彼の頭の上には二つの先端が尖った、犬の耳が乗っている。
これはもしかして――
「ポチミの耳なのか」
「やっぱり、あんたならわかるか。俺はアイツから耳を受け取り、異常に発達した聴力を手に入れたんだよ。あんたらに察知されない遠方から、話を全て聞き取れるぐらいの聴力を、な」
やはり、彼も大切な自分の欠片と戦う羽目になり、その一部を譲り受けたのか。俺はレベルアップの能力、彼はポチミの発達した聴力を。
「だから、話の内容は把握済みだ。そして、移動した奴らがセーブポイントで交わしていた話の内容も全て知っている」
その言葉が何を意味するかを瞬時に理解し、乾いた喉を潤す為に唾を飲み込んだ。
「セーブポイントにきた三人は全員殲滅側だ。チームの残り二人は、騙し討ちをして紫の沼地に放り込んだそうだ。それから、ここにやってきてセーブポイントが安全じゃないと口走った。そして、網綱、あんたらが安全なポイントを見つけたから呼んでいると、嘘を並べ誘導したんだ」
俺の名前を利用して、罠にハメたのか。話が本当だとしたら、彼らには遠慮も容赦も必要ない。
しかし、五人のうち三人が殲滅側だったというのか。残りの二人は不運としか言いようがないな。だが、九人もいて全員が素直に従ったというのは、出来過ぎな気がするが。
「ちなみに、何人かは訝しんでいたが、セーブポイントにいた四人が行くべきだと強く主張して、結局全員が向かうことになったようだ。

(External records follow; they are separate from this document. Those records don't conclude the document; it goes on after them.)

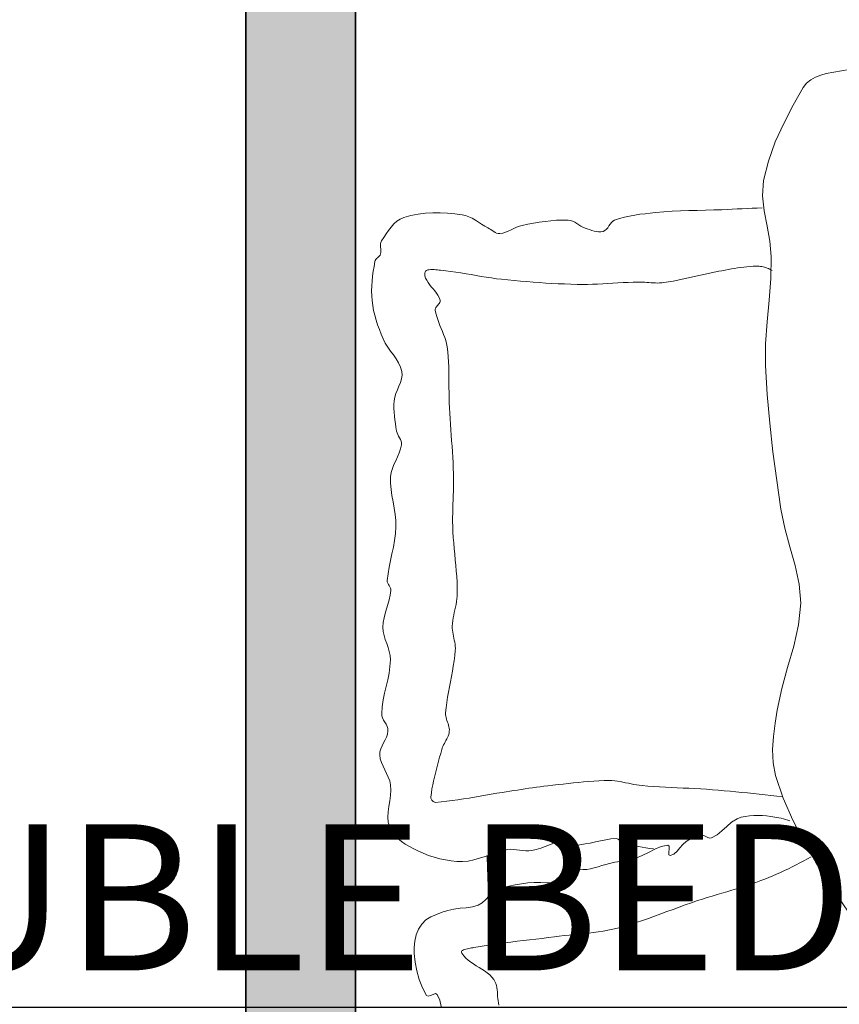
# Model space of a CAD drawing. Units: inches. Extents: x 2656 to 9931, y 1941 to 3068.
# Tile 16 of 46: x 2863 to 2896, y 2490 to 2530. Entities that reach past the tile are written whole.
import ezdxf

# ---------------------------------------------------------------- set-up
doc = ezdxf.new("R2010")
doc.units = ezdxf.units.IN
for name, color, linetype, lineweight in [('A-ANNO-DIMS', 2, 'Continuous', 18), ('A-FURN', 8, 'Continuous', 13), ('A-WALL', 7, 'Continuous', 35), ('A-WALL-PATT', 251, 'Continuous', 13)]:
    doc.layers.add(name, color=color, linetype=linetype, lineweight=lineweight)
doc.styles.get("Standard").update_dxf_attribs({"font": 'arial.ttf'})
doc.dimstyles.new('ISO-25', dxfattribs={"dimtxt": 6, "dimasz": 2.5, "dimexe": 1.25, "dimexo": 0.625, "dimtad": 1, "dimdec": 0, "dimlunit": 3, "dimtxsty": 'Standard', "dimcen": 2.5, "dimadec": 0, "dimazin": 0, "dimtfac": 1, "dimtdec": 0, "dimtmove": 0, "dimatfit": 3, "dimfxl": 1, "dimarcsym": 0})

# ---------------------------------------------------------------- blocks, each defined once
blk = doc.blocks.new('BED-DOUBLE')
for p, q in [((19.868, 60.758), (18.612, 60.54)), ((17.974, 60.285), (17.799, 60.142)), ((18.176, 60.399), (17.974, 60.285)), ((18.392, 60.483), (18.176, 60.399)), ((18.612, 60.54), (18.392, 60.483)), ((17.664, 59.967), (17.251, 59.242)), ((17.799, 60.142), (17.664, 59.967)), ((17.251, 59.242), (16.864, 58.499)), ((16.864, 58.499), (16.52, 57.736)), ((16.52, 57.736), (16.239, 56.953)), ((16.239, 56.953), (16.039, 56.149)), ((16.039, 56.149), (15.997, 55.53)), ((15.997, 55.53), (16.064, 54.908)), ((14.539, 54.965), (14.333, 54.956)), ((14.745, 54.974), (14.539, 54.965)), ((14.951, 54.984), (14.745, 54.974)), ((15.157, 54.993), (14.951, 54.984)), ((15.363, 55.002), (15.157, 54.993)), ((15.569, 55.012), (15.363, 55.002)), ((15.775, 55.021), (15.569, 55.012)), ((15.98, 55.031), (15.775, 55.021)), ((1.134, 54.573), (0.997, 54.482)), ((1.286, 54.638), (1.134, 54.573)), ((1.573, 54.718), (1.286, 54.638)), ((1.867, 54.773), (1.573, 54.718)), ((2.165, 54.807), (1.867, 54.773)), ((2.466, 54.823), (2.165, 54.807)), ((2.769, 54.822), (2.466, 54.823)), ((3.071, 54.807), (2.769, 54.822)), ((3.373, 54.782), (3.071, 54.807)), ((3.671, 54.748), (3.373, 54.782)), ((3.815, 54.718), (3.671, 54.748)), ((3.953, 54.668), (3.815, 54.718)), ((4.086, 54.602), (3.953, 54.668)), ((4.216, 54.525), (4.086, 54.602)), ((10.131, 54.589), (9.929, 54.522)), ((10.337, 54.645), (10.131, 54.589)), ((10.545, 54.692), (10.337, 54.645)), ((10.755, 54.732), (10.545, 54.692)), ((10.967, 54.765), (10.755, 54.732)), ((11.179, 54.792), (10.967, 54.765)), ((11.392, 54.817), (11.179, 54.792)), ((11.605, 54.838), (11.392, 54.817)), ((11.945, 54.867), (11.605, 54.838)), ((12.285, 54.889), (11.945, 54.867)), ((12.626, 54.904), (12.285, 54.889)), ((12.968, 54.916), (12.626, 54.904)), ((13.309, 54.925), (12.968, 54.916)), ((13.651, 54.933), (13.309, 54.925)), ((13.992, 54.943), (13.651, 54.933)), ((14.333, 54.956), (13.992, 54.943)), ((16.064, 54.908), (16.183, 54.283)), ((0.756, 54.244), (0.65, 54.106)), ((0.871, 54.371), (0.756, 54.244)), ((0.997, 54.482), (0.871, 54.371)), ((4.344, 54.443), (4.216, 54.525)), ((4.471, 54.359), (4.344, 54.443)), ((4.6, 54.279), (4.471, 54.359)), ((4.732, 54.207), (4.6, 54.279)), ((4.791, 54.174), (4.732, 54.207)), ((4.85, 54.136), (4.791, 54.174)), ((5.792, 54.184), (5.68, 54.13)), ((5.905, 54.235), (5.792, 54.184)), ((6.02, 54.279), (5.905, 54.235)), ((6.138, 54.31), (6.02, 54.279)), ((6.371, 54.355), (6.138, 54.31)), ((6.605, 54.399), (6.371, 54.355)), ((6.84, 54.439), (6.605, 54.399)), ((7.076, 54.474), (6.84, 54.439)), ((7.312, 54.503), (7.076, 54.474)), ((7.548, 54.522), (7.312, 54.503)), ((7.785, 54.531), (7.548, 54.522)), ((8.022, 54.528), (7.785, 54.531)), ((8.115, 54.514), (8.022, 54.528)), ((8.204, 54.483), (8.115, 54.514)), ((8.29, 54.44), (8.204, 54.483)), ((8.374, 54.39), (8.29, 54.44)), ((8.458, 54.336), (8.374, 54.39)), ((8.542, 54.284), (8.458, 54.336)), ((8.628, 54.237), (8.542, 54.284)), ((8.717, 54.201), (8.628, 54.237)), ((8.808, 54.17), (8.717, 54.201)), ((8.9, 54.138), (8.808, 54.17)), ((9.647, 54.214), (9.593, 54.149)), ((9.696, 54.287), (9.647, 54.214)), ((9.746, 54.36), (9.696, 54.287)), ((9.799, 54.428), (9.746, 54.36)), ((9.858, 54.484), (9.799, 54.428)), ((9.929, 54.522), (9.858, 54.484)), ((16.183, 54.283), (16.3, 53.657)), ((0.456, 53.815), (0.365, 53.671)), ((0.55, 53.961), (0.456, 53.815)), ((0.65, 54.106), (0.55, 53.961)), ((4.909, 54.096), (4.85, 54.136)), ((4.968, 54.058), (4.909, 54.096)), ((5.028, 54.024), (4.968, 54.058)), ((5.089, 53.997), (5.028, 54.024)), ((5.153, 53.981), (5.089, 53.997)), ((5.218, 53.978), (5.153, 53.981)), ((5.338, 53.997), (5.218, 53.978)), ((5.454, 54.031), (5.338, 53.997)), ((5.568, 54.077), (5.454, 54.031)), ((5.68, 54.13), (5.568, 54.077)), ((8.993, 54.107), (8.9, 54.138)), ((9.087, 54.08), (8.993, 54.107)), ((9.181, 54.059), (9.087, 54.08)), ((9.274, 54.048), (9.181, 54.059)), ((9.367, 54.049), (9.274, 54.048)), ((9.459, 54.064), (9.367, 54.049)), ((9.532, 54.097), (9.459, 54.064)), ((9.593, 54.149), (9.532, 54.097)), ((0.326, 53.548), (0.324, 53.481)), ((0.324, 53.481), (0.33, 53.412)), ((0.337, 53.612), (0.326, 53.548)), ((0.33, 53.412), (0.337, 53.342)), ((0.365, 53.671), (0.337, 53.612)), ((16.3, 53.657), (16.356, 53.03)), ((0.167, 52.946), (0.134, 52.909)), ((0.203, 52.982), (0.167, 52.946)), ((0.241, 53.017), (0.203, 52.982)), ((0.276, 53.054), (0.241, 53.017)), ((0.306, 53.094), (0.276, 53.054)), ((0.326, 53.138), (0.306, 53.094)), ((0.339, 53.203), (0.326, 53.138)), ((0.337, 53.342), (0.341, 53.272)), ((0.341, 53.272), (0.339, 53.203)), ((16.356, 53.03), (16.332, 52.135)), ((0.058, 52.625), (0.027, 52.426)), ((0.093, 52.823), (0.058, 52.625)), ((0.108, 52.868), (0.093, 52.823)), ((0.134, 52.909), (0.108, 52.868)), ((14.717, 52.521), (14.845, 52.543)), ((14.845, 52.543), (14.973, 52.563)), ((14.973, 52.563), (15.102, 52.582)), ((15.102, 52.582), (15.23, 52.599)), ((15.23, 52.599), (15.359, 52.614)), ((15.359, 52.614), (15.488, 52.625)), ((15.488, 52.625), (15.617, 52.633)), ((15.617, 52.633), (15.747, 52.637)), ((15.747, 52.637), (15.802, 52.637)), ((15.802, 52.637), (15.858, 52.634)), ((15.858, 52.634), (15.913, 52.628)), ((15.913, 52.628), (15.969, 52.619)), ((15.969, 52.619), (16.024, 52.608)), ((16.024, 52.608), (16.079, 52.595)), ((16.079, 52.595), (16.133, 52.579)), ((16.133, 52.579), (16.186, 52.561)), ((16.186, 52.561), (16.238, 52.54)), ((16.238, 52.54), (16.289, 52.517)), ((0, 52.226), (-0.022, 52.025)), ((0.027, 52.426), (0, 52.226)), ((2.14, 52.349), (2.15, 52.398)), ((2.149, 52.246), (2.14, 52.349)), ((2.176, 52.149), (2.149, 52.246)), ((2.15, 52.398), (2.175, 52.435)), ((2.175, 52.435), (2.213, 52.463)), ((2.219, 52.056), (2.176, 52.149)), ((2.213, 52.463), (2.262, 52.481)), ((2.262, 52.481), (2.32, 52.492)), ((2.32, 52.492), (2.384, 52.497)), ((2.384, 52.497), (2.453, 52.497)), ((2.453, 52.497), (2.525, 52.494)), ((2.525, 52.494), (2.597, 52.487)), ((2.597, 52.487), (2.666, 52.48)), ((2.666, 52.48), (2.731, 52.473)), ((2.731, 52.473), (2.79, 52.468)), ((2.79, 52.468), (3, 52.448)), ((3, 52.448), (3.209, 52.423)), ((3.209, 52.423), (3.417, 52.394)), ((3.417, 52.394), (3.625, 52.362)), ((3.625, 52.362), (3.833, 52.327)), ((3.833, 52.327), (4.041, 52.291)), ((4.041, 52.291), (4.248, 52.254)), ((4.248, 52.254), (4.456, 52.218)), ((4.456, 52.218), (4.664, 52.184)), ((4.664, 52.184), (4.872, 52.152)), ((4.872, 52.152), (5.081, 52.123)), ((12.705, 52.097), (12.892, 52.139)), ((12.892, 52.139), (13.08, 52.182)), ((13.08, 52.182), (13.267, 52.226)), ((13.267, 52.226), (13.454, 52.269)), ((13.454, 52.269), (13.641, 52.312)), ((13.641, 52.312), (13.829, 52.354)), ((13.829, 52.354), (14.017, 52.392)), ((14.017, 52.392), (14.206, 52.428)), ((14.206, 52.428), (14.333, 52.451)), ((14.333, 52.451), (14.461, 52.474)), ((14.461, 52.474), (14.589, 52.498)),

誘導した奴らは殲滅側で間違いない。呼びに来た奴らと小声で罠にハメる算段をしていたからな」
おいおい、思ったよりも殲滅側が多いぞ。下手したら探索側と同数という最悪の展開もあり得る。
だとしたら、尚さら騙された奴らを助け出さないと。罠にはめられた彼らは間違いなく探索側だという証明になる。
しかし、殲滅側の三人も仲間と共に罠に落ちていたよな。あれはわざとだったのか、それとも本当にはまっただけなのか疑問が残る。もし、殲滅側だけは罠の効果がないというオチなら、探索側が更に辛くなる。
「急ごう」
速度を上げ、彼らが向かっているであろう紫の沼地へと駆けていった。